If you invite external investors to become co-owners of your company, both parties are taking on a deep commitment to each other. Directors have a duty to consider the interests of all shareholders. Owners of companies ultimately have rights to decide who is running it.
Everyone knows that investors will do their homework on you before they ever dream of parting with their cash; so you should be any different. Three of the UK's leading investors spoke to Entrepreneur Country to offer their own advice on the importance of knowing your investor:
"Number one, beware of the investor and this applies to everyone. You don't just have to be a start-up to be taken advantage of. Friends with multi-million pound companies have been shafted.
The investor has to check the entrepreneur and so why should an entrepreneur not want to check out someone is going to be taking a stake in his business. You need to know your potential partners not just as investors but the type of people they are.
It might be better growing organically than trying to take on investment unnecessarily or on prohibitive terms."
"You should be cautious about taking investment from people who don't know your industry area and/or are very inexperienced in these types of transactions.

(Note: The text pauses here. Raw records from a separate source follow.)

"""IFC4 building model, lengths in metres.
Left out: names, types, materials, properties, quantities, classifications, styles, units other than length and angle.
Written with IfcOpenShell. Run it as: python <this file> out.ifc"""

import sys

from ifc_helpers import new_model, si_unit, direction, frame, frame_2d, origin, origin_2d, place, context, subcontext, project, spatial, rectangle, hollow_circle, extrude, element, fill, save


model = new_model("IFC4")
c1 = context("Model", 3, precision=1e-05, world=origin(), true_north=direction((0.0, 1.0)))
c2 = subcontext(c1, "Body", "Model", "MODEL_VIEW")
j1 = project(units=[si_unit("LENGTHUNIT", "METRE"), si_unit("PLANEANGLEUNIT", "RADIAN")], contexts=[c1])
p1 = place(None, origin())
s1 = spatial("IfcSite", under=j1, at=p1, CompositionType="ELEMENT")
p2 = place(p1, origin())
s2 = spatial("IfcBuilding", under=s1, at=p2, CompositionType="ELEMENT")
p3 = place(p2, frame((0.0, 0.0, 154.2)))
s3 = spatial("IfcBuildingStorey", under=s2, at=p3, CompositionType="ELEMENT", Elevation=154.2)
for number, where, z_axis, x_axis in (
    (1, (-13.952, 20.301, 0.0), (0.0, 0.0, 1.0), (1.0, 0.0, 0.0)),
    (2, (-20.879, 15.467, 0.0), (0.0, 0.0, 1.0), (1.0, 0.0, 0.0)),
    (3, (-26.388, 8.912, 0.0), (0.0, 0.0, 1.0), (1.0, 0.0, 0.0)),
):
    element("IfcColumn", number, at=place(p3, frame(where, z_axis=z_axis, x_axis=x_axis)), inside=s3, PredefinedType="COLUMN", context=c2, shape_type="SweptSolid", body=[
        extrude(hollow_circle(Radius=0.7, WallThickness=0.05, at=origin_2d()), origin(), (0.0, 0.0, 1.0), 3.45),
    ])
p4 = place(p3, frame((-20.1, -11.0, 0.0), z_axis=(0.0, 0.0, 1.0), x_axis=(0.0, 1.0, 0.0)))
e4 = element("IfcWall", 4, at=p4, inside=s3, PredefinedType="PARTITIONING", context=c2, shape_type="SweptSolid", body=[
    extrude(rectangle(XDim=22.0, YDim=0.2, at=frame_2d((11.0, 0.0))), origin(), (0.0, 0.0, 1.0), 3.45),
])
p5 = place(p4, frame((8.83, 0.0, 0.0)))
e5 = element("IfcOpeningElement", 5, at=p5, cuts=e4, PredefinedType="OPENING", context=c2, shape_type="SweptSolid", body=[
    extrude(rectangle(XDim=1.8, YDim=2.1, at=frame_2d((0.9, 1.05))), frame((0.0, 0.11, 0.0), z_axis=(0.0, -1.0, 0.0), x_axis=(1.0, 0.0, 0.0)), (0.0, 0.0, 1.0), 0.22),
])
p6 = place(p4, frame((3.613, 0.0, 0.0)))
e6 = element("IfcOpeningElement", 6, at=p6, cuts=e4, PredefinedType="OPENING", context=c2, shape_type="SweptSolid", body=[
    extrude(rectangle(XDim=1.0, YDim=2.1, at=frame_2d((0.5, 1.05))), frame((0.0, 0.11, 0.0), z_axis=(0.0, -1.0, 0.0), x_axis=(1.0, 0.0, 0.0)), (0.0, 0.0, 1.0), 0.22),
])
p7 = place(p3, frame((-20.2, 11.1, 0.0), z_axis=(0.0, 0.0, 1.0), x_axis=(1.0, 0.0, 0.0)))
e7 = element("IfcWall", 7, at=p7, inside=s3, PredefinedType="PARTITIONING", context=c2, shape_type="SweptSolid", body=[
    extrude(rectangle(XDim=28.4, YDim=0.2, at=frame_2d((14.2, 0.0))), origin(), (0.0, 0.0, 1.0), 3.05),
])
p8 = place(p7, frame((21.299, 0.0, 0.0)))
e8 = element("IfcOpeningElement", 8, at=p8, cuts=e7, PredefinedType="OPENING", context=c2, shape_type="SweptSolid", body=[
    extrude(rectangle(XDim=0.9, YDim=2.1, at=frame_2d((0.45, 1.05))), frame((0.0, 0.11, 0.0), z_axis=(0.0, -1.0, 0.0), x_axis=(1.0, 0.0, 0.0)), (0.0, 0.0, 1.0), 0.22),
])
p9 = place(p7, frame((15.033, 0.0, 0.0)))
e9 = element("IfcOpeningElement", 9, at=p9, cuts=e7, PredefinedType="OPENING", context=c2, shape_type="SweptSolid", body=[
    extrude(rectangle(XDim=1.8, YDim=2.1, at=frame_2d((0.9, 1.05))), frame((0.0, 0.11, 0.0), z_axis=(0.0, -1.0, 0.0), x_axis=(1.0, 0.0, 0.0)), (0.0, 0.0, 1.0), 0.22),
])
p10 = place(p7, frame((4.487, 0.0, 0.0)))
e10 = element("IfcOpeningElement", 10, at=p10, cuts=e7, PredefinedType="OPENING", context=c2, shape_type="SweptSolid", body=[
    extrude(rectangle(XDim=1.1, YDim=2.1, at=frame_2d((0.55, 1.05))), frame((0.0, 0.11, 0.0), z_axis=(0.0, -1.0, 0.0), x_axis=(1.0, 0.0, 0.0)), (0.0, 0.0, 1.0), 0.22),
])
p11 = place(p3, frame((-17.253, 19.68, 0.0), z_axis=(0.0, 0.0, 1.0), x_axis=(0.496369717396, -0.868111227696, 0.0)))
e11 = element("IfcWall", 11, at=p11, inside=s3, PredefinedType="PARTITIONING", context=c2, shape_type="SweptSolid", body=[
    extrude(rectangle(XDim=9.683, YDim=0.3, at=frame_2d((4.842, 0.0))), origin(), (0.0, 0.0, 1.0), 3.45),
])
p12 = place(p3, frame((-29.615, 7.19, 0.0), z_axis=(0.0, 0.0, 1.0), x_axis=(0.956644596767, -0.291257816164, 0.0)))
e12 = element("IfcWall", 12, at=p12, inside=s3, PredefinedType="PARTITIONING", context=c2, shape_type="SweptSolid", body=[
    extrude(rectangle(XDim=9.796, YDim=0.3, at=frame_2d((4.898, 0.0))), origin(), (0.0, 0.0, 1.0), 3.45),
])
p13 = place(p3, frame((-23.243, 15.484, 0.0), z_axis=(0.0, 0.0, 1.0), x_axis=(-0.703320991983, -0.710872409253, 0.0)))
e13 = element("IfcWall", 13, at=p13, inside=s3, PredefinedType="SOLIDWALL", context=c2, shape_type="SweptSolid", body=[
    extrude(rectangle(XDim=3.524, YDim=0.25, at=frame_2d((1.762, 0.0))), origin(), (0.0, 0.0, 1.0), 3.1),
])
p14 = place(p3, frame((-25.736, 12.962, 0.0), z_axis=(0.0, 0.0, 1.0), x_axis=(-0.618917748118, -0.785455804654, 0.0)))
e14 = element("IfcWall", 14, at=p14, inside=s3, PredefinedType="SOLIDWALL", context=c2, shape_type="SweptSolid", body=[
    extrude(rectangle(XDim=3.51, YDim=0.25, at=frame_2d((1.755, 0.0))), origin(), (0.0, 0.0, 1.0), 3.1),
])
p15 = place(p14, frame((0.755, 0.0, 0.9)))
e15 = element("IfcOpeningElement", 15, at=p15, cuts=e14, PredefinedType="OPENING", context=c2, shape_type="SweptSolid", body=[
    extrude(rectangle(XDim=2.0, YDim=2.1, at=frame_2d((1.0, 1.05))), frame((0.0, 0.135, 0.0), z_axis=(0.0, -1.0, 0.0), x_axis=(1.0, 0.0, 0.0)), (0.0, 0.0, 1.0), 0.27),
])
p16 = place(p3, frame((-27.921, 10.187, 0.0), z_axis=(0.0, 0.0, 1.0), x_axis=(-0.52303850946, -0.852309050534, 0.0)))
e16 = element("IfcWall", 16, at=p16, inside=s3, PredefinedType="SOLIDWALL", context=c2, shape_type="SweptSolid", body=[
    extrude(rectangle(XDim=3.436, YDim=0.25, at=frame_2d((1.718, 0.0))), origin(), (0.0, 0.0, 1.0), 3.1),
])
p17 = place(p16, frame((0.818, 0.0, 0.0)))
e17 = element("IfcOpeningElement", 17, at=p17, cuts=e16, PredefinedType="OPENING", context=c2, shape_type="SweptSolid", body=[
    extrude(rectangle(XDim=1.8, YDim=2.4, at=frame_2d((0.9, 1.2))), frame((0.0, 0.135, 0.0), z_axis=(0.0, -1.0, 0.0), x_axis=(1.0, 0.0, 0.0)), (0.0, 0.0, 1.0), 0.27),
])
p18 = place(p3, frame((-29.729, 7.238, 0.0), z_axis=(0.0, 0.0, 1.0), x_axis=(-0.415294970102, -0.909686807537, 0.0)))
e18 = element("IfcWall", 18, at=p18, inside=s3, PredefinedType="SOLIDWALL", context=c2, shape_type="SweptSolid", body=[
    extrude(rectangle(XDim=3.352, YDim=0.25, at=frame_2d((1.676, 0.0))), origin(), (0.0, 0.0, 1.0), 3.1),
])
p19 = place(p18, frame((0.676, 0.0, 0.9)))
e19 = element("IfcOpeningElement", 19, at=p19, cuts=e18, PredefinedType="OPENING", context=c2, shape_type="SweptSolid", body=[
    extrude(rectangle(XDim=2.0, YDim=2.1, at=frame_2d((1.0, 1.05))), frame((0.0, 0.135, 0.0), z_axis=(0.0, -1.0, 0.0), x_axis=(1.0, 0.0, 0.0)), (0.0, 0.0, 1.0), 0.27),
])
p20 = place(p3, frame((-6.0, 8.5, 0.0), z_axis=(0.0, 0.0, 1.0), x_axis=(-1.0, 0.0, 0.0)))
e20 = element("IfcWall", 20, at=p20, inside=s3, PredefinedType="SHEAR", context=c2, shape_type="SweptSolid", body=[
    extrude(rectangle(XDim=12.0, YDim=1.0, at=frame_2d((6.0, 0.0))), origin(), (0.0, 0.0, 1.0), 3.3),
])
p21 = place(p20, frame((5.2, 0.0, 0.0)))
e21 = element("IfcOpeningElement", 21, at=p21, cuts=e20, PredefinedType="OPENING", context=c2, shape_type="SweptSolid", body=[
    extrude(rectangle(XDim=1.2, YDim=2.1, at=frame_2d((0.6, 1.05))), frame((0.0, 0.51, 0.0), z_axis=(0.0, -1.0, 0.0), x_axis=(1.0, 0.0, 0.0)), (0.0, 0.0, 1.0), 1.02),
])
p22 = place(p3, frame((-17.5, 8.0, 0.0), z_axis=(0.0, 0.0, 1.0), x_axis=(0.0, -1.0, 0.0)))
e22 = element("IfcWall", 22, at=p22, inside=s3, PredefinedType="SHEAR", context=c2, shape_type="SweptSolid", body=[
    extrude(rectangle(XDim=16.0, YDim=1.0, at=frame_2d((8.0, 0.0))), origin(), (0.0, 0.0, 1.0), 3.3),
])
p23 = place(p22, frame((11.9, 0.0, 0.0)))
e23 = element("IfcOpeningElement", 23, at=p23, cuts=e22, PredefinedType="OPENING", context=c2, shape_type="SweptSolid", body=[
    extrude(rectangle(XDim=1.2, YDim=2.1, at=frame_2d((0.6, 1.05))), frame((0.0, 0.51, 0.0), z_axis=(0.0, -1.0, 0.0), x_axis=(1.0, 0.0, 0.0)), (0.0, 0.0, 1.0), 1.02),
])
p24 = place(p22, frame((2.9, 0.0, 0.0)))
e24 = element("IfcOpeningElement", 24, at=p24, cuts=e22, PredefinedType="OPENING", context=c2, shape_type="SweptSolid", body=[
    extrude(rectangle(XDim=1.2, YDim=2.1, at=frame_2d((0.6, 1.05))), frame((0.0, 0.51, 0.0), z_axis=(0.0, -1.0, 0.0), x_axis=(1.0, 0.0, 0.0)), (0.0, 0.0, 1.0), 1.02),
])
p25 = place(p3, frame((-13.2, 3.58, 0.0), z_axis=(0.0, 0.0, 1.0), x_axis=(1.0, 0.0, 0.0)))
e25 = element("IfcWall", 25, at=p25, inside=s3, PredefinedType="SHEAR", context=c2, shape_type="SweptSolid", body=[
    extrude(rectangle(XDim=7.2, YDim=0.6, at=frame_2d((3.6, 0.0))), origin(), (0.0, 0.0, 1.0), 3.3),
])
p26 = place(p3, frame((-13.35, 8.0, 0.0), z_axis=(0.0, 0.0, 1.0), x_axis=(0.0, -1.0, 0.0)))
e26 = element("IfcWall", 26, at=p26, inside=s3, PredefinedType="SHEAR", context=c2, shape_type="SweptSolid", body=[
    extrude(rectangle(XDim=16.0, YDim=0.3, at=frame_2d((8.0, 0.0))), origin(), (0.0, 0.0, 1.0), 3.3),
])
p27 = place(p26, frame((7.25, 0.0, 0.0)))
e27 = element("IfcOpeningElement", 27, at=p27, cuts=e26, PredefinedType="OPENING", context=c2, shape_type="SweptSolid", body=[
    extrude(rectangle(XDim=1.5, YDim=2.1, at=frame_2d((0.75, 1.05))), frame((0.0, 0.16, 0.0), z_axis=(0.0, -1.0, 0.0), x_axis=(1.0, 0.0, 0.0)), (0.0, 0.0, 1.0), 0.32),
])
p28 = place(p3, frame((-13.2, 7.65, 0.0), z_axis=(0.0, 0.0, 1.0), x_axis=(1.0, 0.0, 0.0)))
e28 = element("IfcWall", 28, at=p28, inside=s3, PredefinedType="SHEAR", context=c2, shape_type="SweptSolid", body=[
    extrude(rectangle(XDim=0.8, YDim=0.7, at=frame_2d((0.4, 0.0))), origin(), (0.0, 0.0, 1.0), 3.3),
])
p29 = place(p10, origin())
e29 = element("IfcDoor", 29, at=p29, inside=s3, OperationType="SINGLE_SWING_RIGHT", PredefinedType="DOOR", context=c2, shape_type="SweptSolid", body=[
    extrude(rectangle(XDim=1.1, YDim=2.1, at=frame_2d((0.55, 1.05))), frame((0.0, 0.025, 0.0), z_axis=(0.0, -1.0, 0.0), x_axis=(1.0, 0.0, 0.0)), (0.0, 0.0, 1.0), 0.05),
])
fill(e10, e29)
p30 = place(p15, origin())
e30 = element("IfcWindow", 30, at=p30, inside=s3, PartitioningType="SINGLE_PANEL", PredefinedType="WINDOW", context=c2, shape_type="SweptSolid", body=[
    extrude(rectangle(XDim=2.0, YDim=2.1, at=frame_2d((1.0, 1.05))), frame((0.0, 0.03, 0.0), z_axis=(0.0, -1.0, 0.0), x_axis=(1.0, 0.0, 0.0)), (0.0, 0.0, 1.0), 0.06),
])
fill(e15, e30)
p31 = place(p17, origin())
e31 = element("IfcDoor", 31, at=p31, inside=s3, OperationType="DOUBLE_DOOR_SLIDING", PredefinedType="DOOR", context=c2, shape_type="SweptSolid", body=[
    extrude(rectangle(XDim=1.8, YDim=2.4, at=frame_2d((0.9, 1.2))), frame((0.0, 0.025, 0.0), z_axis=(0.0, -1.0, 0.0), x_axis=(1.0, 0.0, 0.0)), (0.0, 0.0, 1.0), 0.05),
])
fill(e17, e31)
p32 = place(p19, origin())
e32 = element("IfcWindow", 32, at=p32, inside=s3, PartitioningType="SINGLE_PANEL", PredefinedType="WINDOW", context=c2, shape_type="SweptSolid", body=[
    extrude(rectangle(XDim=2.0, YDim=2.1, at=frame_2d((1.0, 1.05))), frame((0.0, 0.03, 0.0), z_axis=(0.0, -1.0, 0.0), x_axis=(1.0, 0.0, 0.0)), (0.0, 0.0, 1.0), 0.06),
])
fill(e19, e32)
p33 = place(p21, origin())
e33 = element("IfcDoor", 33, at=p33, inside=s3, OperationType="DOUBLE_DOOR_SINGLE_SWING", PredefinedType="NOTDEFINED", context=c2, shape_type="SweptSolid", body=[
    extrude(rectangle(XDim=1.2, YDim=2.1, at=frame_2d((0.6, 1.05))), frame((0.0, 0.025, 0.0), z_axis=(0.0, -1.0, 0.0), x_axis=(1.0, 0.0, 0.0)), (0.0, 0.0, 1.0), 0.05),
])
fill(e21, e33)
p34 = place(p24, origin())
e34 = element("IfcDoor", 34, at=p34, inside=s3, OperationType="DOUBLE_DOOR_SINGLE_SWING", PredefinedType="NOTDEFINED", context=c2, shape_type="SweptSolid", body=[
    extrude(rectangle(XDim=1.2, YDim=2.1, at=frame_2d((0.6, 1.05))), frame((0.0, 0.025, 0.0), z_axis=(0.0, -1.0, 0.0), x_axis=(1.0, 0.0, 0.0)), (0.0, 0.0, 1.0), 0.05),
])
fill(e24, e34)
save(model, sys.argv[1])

Doing an investment deal is tortuous enough, but if the investor doesn't know what due diligence to do and is perhaps even unsure about making the investment, then the agony can be even more prolonged! Agree valuation, terms and timetable up front (subject to DD) and check up on the investor, preferably with the CEOs of companies the investor has backed before."
"No VC worth their salt will back you without checking everything down to the colour of your pyjamas. Yet they do lots of deals – taking their money into your company may be the only deal you ever do. So your due diligence should be even more thorough.
Do your research: what other companies like yours have they backed, what were the outcomes, have they made or lost money, how long do their funds have to run, are they here to stay?
Check your references: ring a few of the CEOs they have backed, both successful and unsuccessful, and find out what to expect.
Check out the individual you are dealing with as well as the firm – how influential are they?
Use the legal process to find out how they behave; do they play fair, or do they try to take unreasonable advantage. Or are they too soft? If you don't like what you see, make sure you can walk away."
Remember, before you reach a monthly breakeven position, it is shareholders that prevent a company from going bust by nurturing the company with their capital. High Net Worth individuals often invest in early stage 'high growth' businesses as part of an investment mixture that will be weighted heavily in more mundane asset classes. Their early stage investment selections are a higher risk bet and can be a source of interest and enjoyment, provided that the Board engages them fully in the unfolding story.
I guess that is the key; communication leads to better engagement- knowing your investor is critical. From the shareholders side, communication leads to more excitement, fewer unwelcome surprises, and insights with which to help make appropriate introductions. It is also an opportunity for experienced shareholders to feed in advice and suggestions.
From the Board's side, the communication leads to stronger support, more relevant introductions, more helpful advice and a common understanding of strategic direction. It is also difficult to represent shareholders interests if you don't know what is important to them. Failure to engage and communicate leads to disharmony. Of course, ultimately the Board may need access to further shareholder capital.
If writing to shareholders, they don't want an essay or just tables of numbers; they really want the narrative, the story behind the headlines that they can enjoy. They also like to see press coverage. A monthly 'one pager' newsletter or a regular phone round is rarely a wasted effort.
I have lost count of the times when a shareholder has come up with an idea or an introduction that has added real value. There is a fair chance they have invested because they have some knowledge of part of your sector.
So it is not quite a marriage, but it certainly has the like benefits of regular two- way communication.